Sunday night, as I was leading a Bible Study on the BFM about the Holy Spirit, we were reading the following passage (Matthew 12:28-32), and one of the members of the study asked the following question: Why can a person speak against Christ and be forgiven but not be forgiven if the blaspheme the Holy Spirit? So, I decided to pose this question to you guys and see if you can shed some light on this.

Thanks


----------



## WaywardNowHome (Mar 18, 2009)

For those of us that are still young in the faith, could someone clear up what it means to blaspheme against the Holy Spirit? Personally, my understanding of "blasphemy" in general is pretty weak.


----------



## KMK (Mar 18, 2009)

Welcome back, Joseph!


----------



## Bandguy (Mar 18, 2009)

Thanks.

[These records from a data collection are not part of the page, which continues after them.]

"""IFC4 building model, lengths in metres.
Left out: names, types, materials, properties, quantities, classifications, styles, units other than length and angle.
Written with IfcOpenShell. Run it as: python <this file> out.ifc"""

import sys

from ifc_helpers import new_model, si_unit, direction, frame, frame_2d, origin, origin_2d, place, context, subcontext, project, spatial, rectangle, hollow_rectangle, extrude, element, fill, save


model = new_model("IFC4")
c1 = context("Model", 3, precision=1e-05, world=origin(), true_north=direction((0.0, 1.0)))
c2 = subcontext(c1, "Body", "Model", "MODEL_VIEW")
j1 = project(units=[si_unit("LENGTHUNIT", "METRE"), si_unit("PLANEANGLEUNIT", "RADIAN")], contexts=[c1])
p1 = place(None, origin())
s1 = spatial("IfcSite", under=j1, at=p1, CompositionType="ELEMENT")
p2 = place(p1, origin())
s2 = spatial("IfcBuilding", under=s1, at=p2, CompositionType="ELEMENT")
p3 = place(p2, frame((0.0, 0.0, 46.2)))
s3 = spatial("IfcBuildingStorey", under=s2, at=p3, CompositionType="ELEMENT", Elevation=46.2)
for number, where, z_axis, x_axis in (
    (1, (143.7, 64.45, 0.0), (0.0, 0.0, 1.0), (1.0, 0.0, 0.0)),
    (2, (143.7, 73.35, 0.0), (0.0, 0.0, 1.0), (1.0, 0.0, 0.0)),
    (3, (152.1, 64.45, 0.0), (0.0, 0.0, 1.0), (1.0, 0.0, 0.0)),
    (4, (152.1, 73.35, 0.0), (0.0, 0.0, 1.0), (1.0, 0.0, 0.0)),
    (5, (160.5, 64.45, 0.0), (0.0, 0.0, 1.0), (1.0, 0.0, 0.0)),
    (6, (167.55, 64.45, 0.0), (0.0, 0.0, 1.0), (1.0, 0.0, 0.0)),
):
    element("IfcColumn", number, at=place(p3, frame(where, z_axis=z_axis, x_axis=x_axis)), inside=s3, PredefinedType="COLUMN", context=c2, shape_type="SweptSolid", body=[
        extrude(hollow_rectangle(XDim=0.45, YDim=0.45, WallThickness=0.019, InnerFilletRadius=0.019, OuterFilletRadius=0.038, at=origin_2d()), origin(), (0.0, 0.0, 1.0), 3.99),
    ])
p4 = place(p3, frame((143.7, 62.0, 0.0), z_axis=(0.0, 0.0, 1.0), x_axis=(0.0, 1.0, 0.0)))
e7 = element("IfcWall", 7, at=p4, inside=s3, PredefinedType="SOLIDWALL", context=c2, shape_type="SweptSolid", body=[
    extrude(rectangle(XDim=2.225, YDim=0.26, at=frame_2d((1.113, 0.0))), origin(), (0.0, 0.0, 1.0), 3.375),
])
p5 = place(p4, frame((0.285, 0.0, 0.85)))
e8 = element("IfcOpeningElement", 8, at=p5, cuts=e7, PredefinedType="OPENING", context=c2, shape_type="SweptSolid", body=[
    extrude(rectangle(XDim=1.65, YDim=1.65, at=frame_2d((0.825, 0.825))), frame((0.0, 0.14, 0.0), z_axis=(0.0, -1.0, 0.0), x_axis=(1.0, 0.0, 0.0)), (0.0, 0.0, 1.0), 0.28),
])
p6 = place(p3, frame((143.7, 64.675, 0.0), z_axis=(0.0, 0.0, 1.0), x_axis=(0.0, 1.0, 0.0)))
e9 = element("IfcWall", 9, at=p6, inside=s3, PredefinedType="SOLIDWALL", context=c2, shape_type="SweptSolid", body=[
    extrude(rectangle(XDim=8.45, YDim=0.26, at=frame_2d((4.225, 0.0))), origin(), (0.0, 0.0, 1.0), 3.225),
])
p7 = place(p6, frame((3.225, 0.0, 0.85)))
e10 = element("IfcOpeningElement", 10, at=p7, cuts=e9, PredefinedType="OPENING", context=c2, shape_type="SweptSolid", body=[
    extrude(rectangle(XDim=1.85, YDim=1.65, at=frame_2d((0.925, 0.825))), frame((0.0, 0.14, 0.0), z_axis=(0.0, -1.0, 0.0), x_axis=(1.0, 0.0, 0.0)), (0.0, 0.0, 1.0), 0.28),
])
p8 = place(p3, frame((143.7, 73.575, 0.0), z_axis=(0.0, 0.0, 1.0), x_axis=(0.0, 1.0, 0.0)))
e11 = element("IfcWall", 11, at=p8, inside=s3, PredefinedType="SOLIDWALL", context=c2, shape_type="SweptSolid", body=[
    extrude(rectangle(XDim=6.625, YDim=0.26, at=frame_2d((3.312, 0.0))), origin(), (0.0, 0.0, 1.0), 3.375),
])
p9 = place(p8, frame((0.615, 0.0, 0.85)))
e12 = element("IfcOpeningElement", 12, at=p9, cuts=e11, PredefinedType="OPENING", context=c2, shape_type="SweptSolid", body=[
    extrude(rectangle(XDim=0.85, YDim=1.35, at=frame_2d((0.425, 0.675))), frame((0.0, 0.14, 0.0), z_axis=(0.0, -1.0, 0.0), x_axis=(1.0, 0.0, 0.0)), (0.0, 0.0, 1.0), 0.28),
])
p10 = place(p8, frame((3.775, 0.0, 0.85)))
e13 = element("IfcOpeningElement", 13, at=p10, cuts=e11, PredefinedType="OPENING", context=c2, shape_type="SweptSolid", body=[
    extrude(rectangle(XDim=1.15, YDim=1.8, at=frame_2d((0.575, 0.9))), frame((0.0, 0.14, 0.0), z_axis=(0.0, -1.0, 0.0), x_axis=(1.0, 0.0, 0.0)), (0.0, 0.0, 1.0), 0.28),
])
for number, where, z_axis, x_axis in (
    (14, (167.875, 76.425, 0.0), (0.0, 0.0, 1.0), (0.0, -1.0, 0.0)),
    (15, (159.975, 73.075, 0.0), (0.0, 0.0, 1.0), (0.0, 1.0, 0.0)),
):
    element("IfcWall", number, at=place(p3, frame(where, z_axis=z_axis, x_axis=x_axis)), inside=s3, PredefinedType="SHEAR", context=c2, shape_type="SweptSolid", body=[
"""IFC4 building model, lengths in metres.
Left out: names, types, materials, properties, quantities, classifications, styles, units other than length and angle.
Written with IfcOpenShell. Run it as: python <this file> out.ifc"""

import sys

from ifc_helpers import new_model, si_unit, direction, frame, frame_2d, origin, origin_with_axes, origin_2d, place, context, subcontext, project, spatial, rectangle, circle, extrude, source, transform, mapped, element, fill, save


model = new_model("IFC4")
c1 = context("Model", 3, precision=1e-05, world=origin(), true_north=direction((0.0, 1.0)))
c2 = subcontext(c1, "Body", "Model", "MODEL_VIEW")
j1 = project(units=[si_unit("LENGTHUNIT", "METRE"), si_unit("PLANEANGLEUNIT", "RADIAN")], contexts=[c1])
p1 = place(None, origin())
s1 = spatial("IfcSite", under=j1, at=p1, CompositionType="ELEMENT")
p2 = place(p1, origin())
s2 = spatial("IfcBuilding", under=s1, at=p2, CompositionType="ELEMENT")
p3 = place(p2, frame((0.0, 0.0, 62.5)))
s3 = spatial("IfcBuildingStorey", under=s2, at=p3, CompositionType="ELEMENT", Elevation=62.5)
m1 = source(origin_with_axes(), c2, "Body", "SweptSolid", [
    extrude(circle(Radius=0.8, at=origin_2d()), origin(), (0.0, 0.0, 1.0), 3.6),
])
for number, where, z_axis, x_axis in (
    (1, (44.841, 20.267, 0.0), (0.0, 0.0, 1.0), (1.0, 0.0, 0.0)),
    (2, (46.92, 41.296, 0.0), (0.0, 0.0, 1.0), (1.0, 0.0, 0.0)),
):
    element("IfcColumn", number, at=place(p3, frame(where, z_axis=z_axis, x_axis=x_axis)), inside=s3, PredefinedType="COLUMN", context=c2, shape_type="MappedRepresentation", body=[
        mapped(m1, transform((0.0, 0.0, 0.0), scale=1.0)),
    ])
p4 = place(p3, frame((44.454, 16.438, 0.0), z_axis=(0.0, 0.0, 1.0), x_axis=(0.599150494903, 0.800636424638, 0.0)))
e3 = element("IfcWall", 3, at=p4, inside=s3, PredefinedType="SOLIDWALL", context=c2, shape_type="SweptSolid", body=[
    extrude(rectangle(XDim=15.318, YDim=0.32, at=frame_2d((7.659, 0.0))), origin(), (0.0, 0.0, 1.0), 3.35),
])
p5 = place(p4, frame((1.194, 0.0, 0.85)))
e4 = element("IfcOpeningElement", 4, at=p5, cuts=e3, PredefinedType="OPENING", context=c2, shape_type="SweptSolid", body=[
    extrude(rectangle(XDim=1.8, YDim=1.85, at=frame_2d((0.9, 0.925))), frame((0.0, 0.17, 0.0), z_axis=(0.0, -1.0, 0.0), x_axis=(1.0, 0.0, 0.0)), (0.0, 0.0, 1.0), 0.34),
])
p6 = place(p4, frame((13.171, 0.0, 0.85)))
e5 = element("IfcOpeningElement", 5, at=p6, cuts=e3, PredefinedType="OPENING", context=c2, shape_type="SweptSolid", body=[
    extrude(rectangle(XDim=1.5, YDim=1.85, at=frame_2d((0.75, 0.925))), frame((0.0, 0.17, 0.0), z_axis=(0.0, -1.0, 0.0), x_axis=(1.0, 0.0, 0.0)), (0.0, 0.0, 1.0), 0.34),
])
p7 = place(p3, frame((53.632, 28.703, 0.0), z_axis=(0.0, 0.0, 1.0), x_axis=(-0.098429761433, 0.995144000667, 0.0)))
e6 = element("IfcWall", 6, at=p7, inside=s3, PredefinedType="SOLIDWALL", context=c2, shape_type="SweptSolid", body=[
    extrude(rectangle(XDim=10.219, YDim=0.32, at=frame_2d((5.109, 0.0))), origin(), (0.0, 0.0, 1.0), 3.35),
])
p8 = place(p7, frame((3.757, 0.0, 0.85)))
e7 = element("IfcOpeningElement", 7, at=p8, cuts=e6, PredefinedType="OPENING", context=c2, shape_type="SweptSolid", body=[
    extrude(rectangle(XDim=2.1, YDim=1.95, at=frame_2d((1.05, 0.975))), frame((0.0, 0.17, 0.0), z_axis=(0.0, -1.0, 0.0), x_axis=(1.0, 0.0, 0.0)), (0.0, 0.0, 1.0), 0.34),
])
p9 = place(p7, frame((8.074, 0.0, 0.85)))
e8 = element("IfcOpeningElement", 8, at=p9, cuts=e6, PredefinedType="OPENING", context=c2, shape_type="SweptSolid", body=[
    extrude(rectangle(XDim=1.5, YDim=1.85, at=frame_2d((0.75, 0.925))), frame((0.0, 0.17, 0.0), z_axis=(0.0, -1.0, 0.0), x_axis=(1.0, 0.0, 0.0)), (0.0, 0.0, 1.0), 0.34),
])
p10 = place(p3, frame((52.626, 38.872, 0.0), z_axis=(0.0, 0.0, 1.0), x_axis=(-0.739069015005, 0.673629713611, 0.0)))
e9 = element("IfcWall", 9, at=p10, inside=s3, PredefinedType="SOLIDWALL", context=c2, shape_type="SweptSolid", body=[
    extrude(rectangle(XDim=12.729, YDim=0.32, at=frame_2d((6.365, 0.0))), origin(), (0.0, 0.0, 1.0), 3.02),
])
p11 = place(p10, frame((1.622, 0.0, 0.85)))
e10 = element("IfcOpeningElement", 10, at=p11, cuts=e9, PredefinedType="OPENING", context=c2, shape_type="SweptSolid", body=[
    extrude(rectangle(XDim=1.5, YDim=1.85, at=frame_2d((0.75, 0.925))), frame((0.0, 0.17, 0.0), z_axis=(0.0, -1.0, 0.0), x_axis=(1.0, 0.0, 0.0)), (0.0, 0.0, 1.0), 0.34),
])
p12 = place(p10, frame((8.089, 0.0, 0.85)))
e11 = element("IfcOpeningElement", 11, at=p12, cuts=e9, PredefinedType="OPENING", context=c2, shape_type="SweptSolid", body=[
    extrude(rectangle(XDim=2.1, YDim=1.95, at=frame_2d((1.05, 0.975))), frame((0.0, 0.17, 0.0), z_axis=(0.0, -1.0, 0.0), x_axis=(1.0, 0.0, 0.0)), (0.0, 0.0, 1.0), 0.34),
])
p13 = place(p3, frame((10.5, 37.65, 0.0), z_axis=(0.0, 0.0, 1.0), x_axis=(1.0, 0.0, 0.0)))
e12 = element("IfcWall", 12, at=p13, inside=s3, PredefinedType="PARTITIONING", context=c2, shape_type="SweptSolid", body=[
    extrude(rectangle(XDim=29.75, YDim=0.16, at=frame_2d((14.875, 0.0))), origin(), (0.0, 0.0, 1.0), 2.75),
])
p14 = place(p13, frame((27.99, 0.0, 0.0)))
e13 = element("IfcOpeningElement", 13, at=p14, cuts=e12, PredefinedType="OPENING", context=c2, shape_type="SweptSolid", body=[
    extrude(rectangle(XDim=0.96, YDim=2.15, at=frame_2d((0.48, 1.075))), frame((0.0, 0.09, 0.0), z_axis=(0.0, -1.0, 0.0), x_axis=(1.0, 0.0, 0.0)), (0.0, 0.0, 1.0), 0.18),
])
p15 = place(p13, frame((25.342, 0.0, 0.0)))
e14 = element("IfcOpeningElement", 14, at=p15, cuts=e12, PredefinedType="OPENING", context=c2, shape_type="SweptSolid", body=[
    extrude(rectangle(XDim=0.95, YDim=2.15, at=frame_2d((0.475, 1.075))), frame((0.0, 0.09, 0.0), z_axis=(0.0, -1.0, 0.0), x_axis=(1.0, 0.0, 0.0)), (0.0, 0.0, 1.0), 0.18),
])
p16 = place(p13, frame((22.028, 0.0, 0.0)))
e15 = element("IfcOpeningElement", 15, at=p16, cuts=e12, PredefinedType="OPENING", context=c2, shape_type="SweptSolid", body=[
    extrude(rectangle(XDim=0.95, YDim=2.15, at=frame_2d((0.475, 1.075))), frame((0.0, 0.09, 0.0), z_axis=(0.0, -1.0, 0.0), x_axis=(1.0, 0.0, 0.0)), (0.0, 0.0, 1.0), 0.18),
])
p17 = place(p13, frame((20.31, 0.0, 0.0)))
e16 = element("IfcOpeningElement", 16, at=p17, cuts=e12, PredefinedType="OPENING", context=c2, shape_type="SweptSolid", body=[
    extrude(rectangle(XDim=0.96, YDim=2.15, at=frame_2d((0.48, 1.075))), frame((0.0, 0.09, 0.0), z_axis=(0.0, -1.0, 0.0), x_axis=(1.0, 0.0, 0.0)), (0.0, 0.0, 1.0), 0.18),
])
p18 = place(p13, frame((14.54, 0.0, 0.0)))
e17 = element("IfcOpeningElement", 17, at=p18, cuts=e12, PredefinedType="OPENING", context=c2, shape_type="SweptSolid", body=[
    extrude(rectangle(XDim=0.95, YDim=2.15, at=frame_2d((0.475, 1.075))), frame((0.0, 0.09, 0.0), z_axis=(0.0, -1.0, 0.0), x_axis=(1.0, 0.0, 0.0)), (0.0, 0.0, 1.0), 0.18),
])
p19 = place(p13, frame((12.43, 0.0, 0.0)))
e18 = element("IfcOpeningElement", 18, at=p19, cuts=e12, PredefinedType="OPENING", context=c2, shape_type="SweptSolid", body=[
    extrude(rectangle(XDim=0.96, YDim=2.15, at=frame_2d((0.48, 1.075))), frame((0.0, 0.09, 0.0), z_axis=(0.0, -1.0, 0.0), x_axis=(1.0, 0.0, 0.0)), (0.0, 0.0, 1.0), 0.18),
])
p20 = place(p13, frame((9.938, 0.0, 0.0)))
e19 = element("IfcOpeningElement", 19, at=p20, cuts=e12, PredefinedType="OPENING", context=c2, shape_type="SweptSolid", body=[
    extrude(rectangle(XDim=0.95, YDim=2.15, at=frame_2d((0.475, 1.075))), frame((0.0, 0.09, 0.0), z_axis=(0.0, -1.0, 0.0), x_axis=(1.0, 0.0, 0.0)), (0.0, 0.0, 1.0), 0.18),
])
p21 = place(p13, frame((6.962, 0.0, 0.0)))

It is good to be back.

-----Added 3/18/2009 at 12:43:13 EST-----



WaywardNowHome said:


> For those of us that are still young in the faith, could someone clear up what it means to blaspheme against the Holy Spirit? Personally, my understanding of "blasphemy" in general is pretty weak.




Joel,

An example of this would be to take the work of the Holy Spirit and call it evil, or outright reject it, as Jesus cautioned the Pharisees against in Matthew 12.


----------